Memphis Press-Scimitar | |
Type: | Daily newspaper |
Format: | Broadsheet |
Ceased Publication: | 1983 |
Owners: | E. W. Scripps Company |
Editor: | Ross B. Young |
Headquarters: | Memphis, Tennessee, USA |
The Memphis Press-Scimitar was an afternoon newspaper based in Memphis, Tennessee, United States, and owned by the E. W. Scripps Company. Created from a merger in 1926 between the Memphis Press and the Memphis News-Scimitar, the newspaper ceased publication in 1983. It was the main rival to The Commercial Appeal, also based in Memphis and owned by Scripps.[1] At the time of its closure, the Press-Scimitar had lost a third of its circulation in 10 years and was down to daily sales of 80,000 copies.[2]
From 1906 to 1931, The Memphis Press was edited by founder Ross B. Young, a journalist from Ohio brought down by local business interests looking for a voice to speak to the stranglehold that E. H. "Boss" Crump had on city government, employment, and contracts. From 1931 to 1962, The Press-Scimitar was edited by Edward J. Meeman.[3]
The Memphis Evening Scimitar was published from at least 1891 to 1904[4] when it merged with the Memphis Morning News. It was also published as the News Scimitar.[5]
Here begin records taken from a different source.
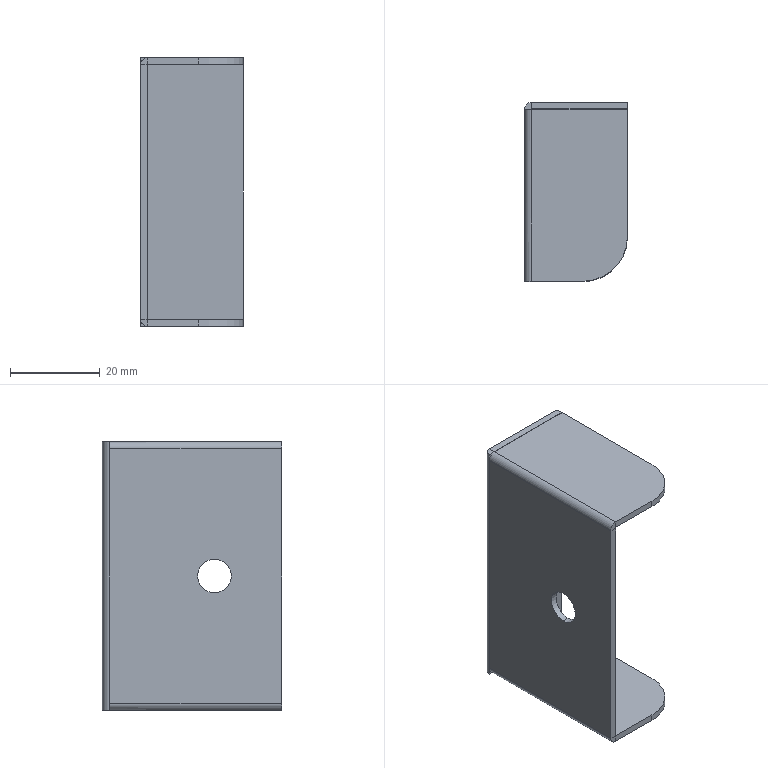Component | SolidWorks | TopPlateWelding-1_AxisFixingPlate2-1 | 1 solid | 37 faces | box 23 x 40 x 60 mm | volume 7806 mm3 | plane 27 | cylinder 10 | commonest cylinder face diameters 0.2 x3 3.2 x3 7.5 x2 20 x2
STEP:
#1=COLOUR_RGB('',0.7922,0.8196,0.9333);
#2=FILL_AREA_STYLE_COLOUR('',#1);
#3=FILL_AREA_STYLE('',(#2));
#4=SURFACE_STYLE_FILL_AREA(#3);
#5=SURFACE_SIDE_STYLE('',(#4));
#6=SURFACE_STYLE_USAGE(.BOTH.,#5);
#7=PRESENTATION_STYLE_ASSIGNMENT((#6));
#8=CARTESIAN_POINT('',(8.937,5.032,15.128));
#9=VERTEX_POINT('',#8);
#10=CARTESIAN_POINT('',(8.937,5.032,14.833));
#11=VERTEX_POINT('',#10);
#12=CARTESIAN_POINT('',(8.937,5.032,14.98));
#13=DIRECTION('',(-1.,-0.,0.));
#14=DIRECTION('',(0.,-1.,0.));
#15=AXIS2_PLACEMENT_3D('',#12,#13,#14);
#16=CIRCLE('',#15,0.1476);
#17=EDGE_CURVE('',#9,#11,#16,.T.);
#18=ORIENTED_EDGE('',*,*,#17,.F.);
#19=CARTESIAN_POINT('',(8.878,5.032,15.128));
#20=VERTEX_POINT('',#19);
#21=CARTESIAN_POINT('',(9.355,5.032,15.128));
#22=DIRECTION('',(-1.,-0.,0.));
#23=VECTOR('',#22,39.37);
#24=LINE('',#21,#23);
#25=EDGE_CURVE('',#9,#20,#24,.T.);
#26=ORIENTED_EDGE('',*,*,#25,.T.);
#27=CARTESIAN_POINT('',(8.878,5.032,14.833));
#28=VERTEX_POINT('',#27);
#29=CARTESIAN_POINT('',(8.878,5.032,14.98));
#30=DIRECTION('',(-1.,-0.,0.));
#31=DIRECTION('',(-0.,0.,-1.));
#32=AXIS2_PLACEMENT_3D('',#29,#30,#31);
#33=CIRCLE('',#32,0.1476);
#34=EDGE_CURVE('',#20,#28,#33,.T.);
#35=ORIENTED_EDGE('',*,*,#34,.T.);
#36=CARTESIAN_POINT('',(9.355,5.032,14.833));
#37=DIRECTION('',(-1.,-0.,0.));
#38=VECTOR('',#37,39.37);
#39=LINE('',#36,#38);
#40=EDGE_CURVE('',#11,#28,#39,.T.);
#41=ORIENTED_EDGE('',*,*,#40,.F.);
#42=EDGE_LOOP('',(#18,#26,#35,#41));
#43=FACE_OUTER_BOUND('',#42,.T.);
#44=CARTESIAN_POINT('',(9.355,5.032,14.98));
#45=DIRECTION('',(-1.,-0.,0.));
#46=DIRECTION('',(-0.,0.,-1.));
#47=AXIS2_PLACEMENT_3D('',#44,#45,#46);
#48=CYLINDRICAL_SURFACE('',#47,0.1476);
#49=ADVANCED_FACE('',(#43),#48,.F.);
#50=CARTESIAN_POINT('',(8.878,5.954,16.161));
#51=VERTEX_POINT('',#50);
#52=CARTESIAN_POINT('',(8.878,5.954,16.098));
#53=VERTEX_POINT('',#52);
#54=CARTESIAN_POINT('',(8.878,5.954,13.799));
#55=DIRECTION('',(-0.,-0.,-1.));
#56=VECTOR('',#55,39.37);
#57=LINE('',#54,#56);
#58=EDGE_CURVE('',#51,#53,#57,.T.);
#59=ORIENTED_EDGE('',*,*,#58,.T.);
#60=CARTESIAN_POINT('',(8.937,5.954,16.161));
#61=VERTEX_POINT('',#60);
#62=CARTESIAN_POINT('',(8.941,5.954,16.098));
#63=DIRECTION('',(-0.,1.,-0.));
#64=DIRECTION('',(0.,0.,-1.));
#65=AXIS2_PLACEMENT_3D('',#62,#63,#64);
#66=CIRCLE('',#65,0.06299);
#67=EDGE_CURVE('',#53,#61,#66,.T.);
#68=ORIENTED_EDGE('',*,*,#67,.T.);
#69=CARTESIAN_POINT('',(8.937,5.954,16.161));
#70=VERTEX_POINT('',#69);
#71=CARTESIAN_POINT('',(8.937,5.954,16.098));
#72=DIRECTION('',(0.,-0.,1.));
#73=VECTOR('',#72,39.37);
#74=LINE('',#71,#73);
#75=EDGE_CURVE('',#61,#70,#74,.T.);
#76=ORIENTED_EDGE('',*,*,#75,.T.);
#77=CARTESIAN_POINT('',(8.937,5.954,16.161));
#78=DIRECTION('',(-1.,-0.,0.));
#79=VECTOR('',#78,39.37);
#80=LINE('',#77,#79);
#81=EDGE_CURVE('',#70,#51,#80,.T.);
#82=ORIENTED_EDGE('',*,*,#81,.T.);
#83=EDGE_LOOP('',(#59,#68,#76,#82));
#84=FACE_OUTER_BOUND('',#83,.T.);
#85=CARTESIAN_POINT('',(8.937,5.954,16.098));
#86=DIRECTION('',(0.,-1.,-0.));
#87=DIRECTION('',(-0.,0.,-1.));
#88=AXIS2_PLACEMENT_3D('',#85,#86,#87);
#89=PLANE('',#88);
#90=ADVANCED_FACE('',(#84),#89,.T.);
#91=CARTESIAN_POINT('',(8.937,5.032,14.98));
#92=DIRECTION('',(-1.,-0.,0.));
#93=DIRECTION('',(0.,-1.,0.));
#94=AXIS2_PLACEMENT_3D('',#91,#92,#93);
#95=CIRCLE('',#94,0.1476);
#96=EDGE_CURVE('',#11,#9,#95,.T.);
#97=ORIENTED_EDGE('',*,*,#96,.T.);
#98=ORIENTED_EDGE('',*,*,#17,.T.);
#99=EDGE_LOOP('',(#97,#98));
#100=FACE_BOUND('',#99,.T.);
#101=CARTESIAN_POINT('',(8.937,5.954,13.862));
#102=VERTEX_POINT('',#101);
#103=CARTESIAN_POINT('',(8.937,5.954,16.098));
#104=VERTEX_POINT('',#103);
#105=CARTESIAN_POINT('',(8.937,5.954,13.799));
#106=DIRECTION('',(0.,0.,1.));
#107=VECTOR('',#106,39.37);
#108=LINE('',#105,#107);
#109=EDGE_CURVE('',#102,#104,#108,.T.);
#110=ORIENTED_EDGE('',*,*,#109,.T.);
#111=CARTESIAN_POINT('',(8.937,4.442,16.098));
#112=VERTEX_POINT('',#111);
#113=CARTESIAN_POINT('',(8.937,4.442,16.098));
#114=DIRECTION('',(-0.,1.,-0.));
#115=VECTOR('',#114,39.37);
#116=LINE('',#113,#115);
#117=EDGE_CURVE('',#112,#104,#116,.T.);
#118=ORIENTED_EDGE('',*,*,#117,.F.);
#119=CARTESIAN_POINT('',(8.937,4.442,13.862));
#120=VERTEX_POINT('',#119);
#121=CARTESIAN_POINT('',(8.937,4.442,13.799));
#122=DIRECTION('',(0.,0.,1.));
#123=VECTOR('',#122,39.37);
#124=LINE('',#121,#123);
#125=EDGE_CURVE('',#120,#112,#124,.T.);
#126=ORIENTED_EDGE('',*,*,#125,.F.);
#127=CARTESIAN_POINT('',(8.937,5.954,13.862));
#128=DIRECTION('',(0.,-1.,0.));
#129=VECTOR('',#128,39.37);
#130=LINE('',#127,#129);
#131=EDGE_CURVE('',#102,#120,#130,.T.);
#132=ORIENTED_EDGE('',*,*,#131,.F.);
#133=EDGE_LOOP('',(#110,#118,#126,#132));
#134=FACE_OUTER_BOUND('',#133,.T.);
#135=CARTESIAN_POINT('',(8.937,4.442,13.799));
#136=DIRECTION('',(1.,0.,-0.));
#137=DIRECTION('',(0.,-1.,0.));
#138=AXIS2_PLACEMENT_3D('',#135,#136,#137);
#139=PLANE('',#138);
#140=ADVANCED_FACE('',(#100,#134),#139,.T.);
#141=CARTESIAN_POINT('',(8.878,5.032,14.98));
#142=DIRECTION('',(-1.,-0.,0.));
#143=DIRECTION('',(-0.,0.,-1.));
#144=AXIS2_PLACEMENT_3D('',#141,#142,#143);
#145=CIRCLE('',#144,0.1476);
#146=EDGE_CURVE('',#28,#20,#145,.T.);
#147=ORIENTED_EDGE('',*,*,#146,.F.);
#148=ORIENTED_EDGE('',*,*,#34,.F.);
#149=EDGE_LOOP('',(#147,#148));
#150=FACE_BOUND('',#149,.T.);
#151=CARTESIAN_POINT('',(8.878,4.442,16.098));
#152=VERTEX_POINT('',#151);
#153=CARTESIAN_POINT('',(8.878,4.442,16.098));
#154=DIRECTION('',(-0.,1.,-0.));
#155=VECTOR('',#154,39.37);
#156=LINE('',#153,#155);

It was partly owned by Memphis merchant tycoon Napoleon Hill who commissioned the Scimitar Building in 1902. Memphis architects August A. Chigazola (1869-1911) and William J. Hanker (1876–1958) designed it.[6] Hill, known as Memphis' original "merchant prince",[7] lived on the other side of Madison Avenue in a mansion on the site where the Sterick Building is now.[8] Hill's initials are etched into the façade of the building.[9]
The paper condemned U.S. president Theodore Roosevelt's 1901 dinner with Booker T. Washington.[10]
In John Grisham's novel The Client, the Memphis Press is fictionally presented as still existing and flourishing as a major Memphis paper into the 1990s.
In the 2004 movie The Ladykillers, during the basement scene where Tom Hanks's character Professor Goldthwaite Higginson Dorr describes forming the crew for the heist, he references having posted an ad in the Memphis Scimitar, which the would-be thieves responded to.
The 2013 Newberry Award-winning novel Paperboy[11] by former Press Scimitar copy editor Vilas Vince Vawter has its main character working as a paper carrier delivering the Press Scimitar. A second novel, Copyboy, published in 2018, has the same character working as a copyboy in the paper's newsroom.[12]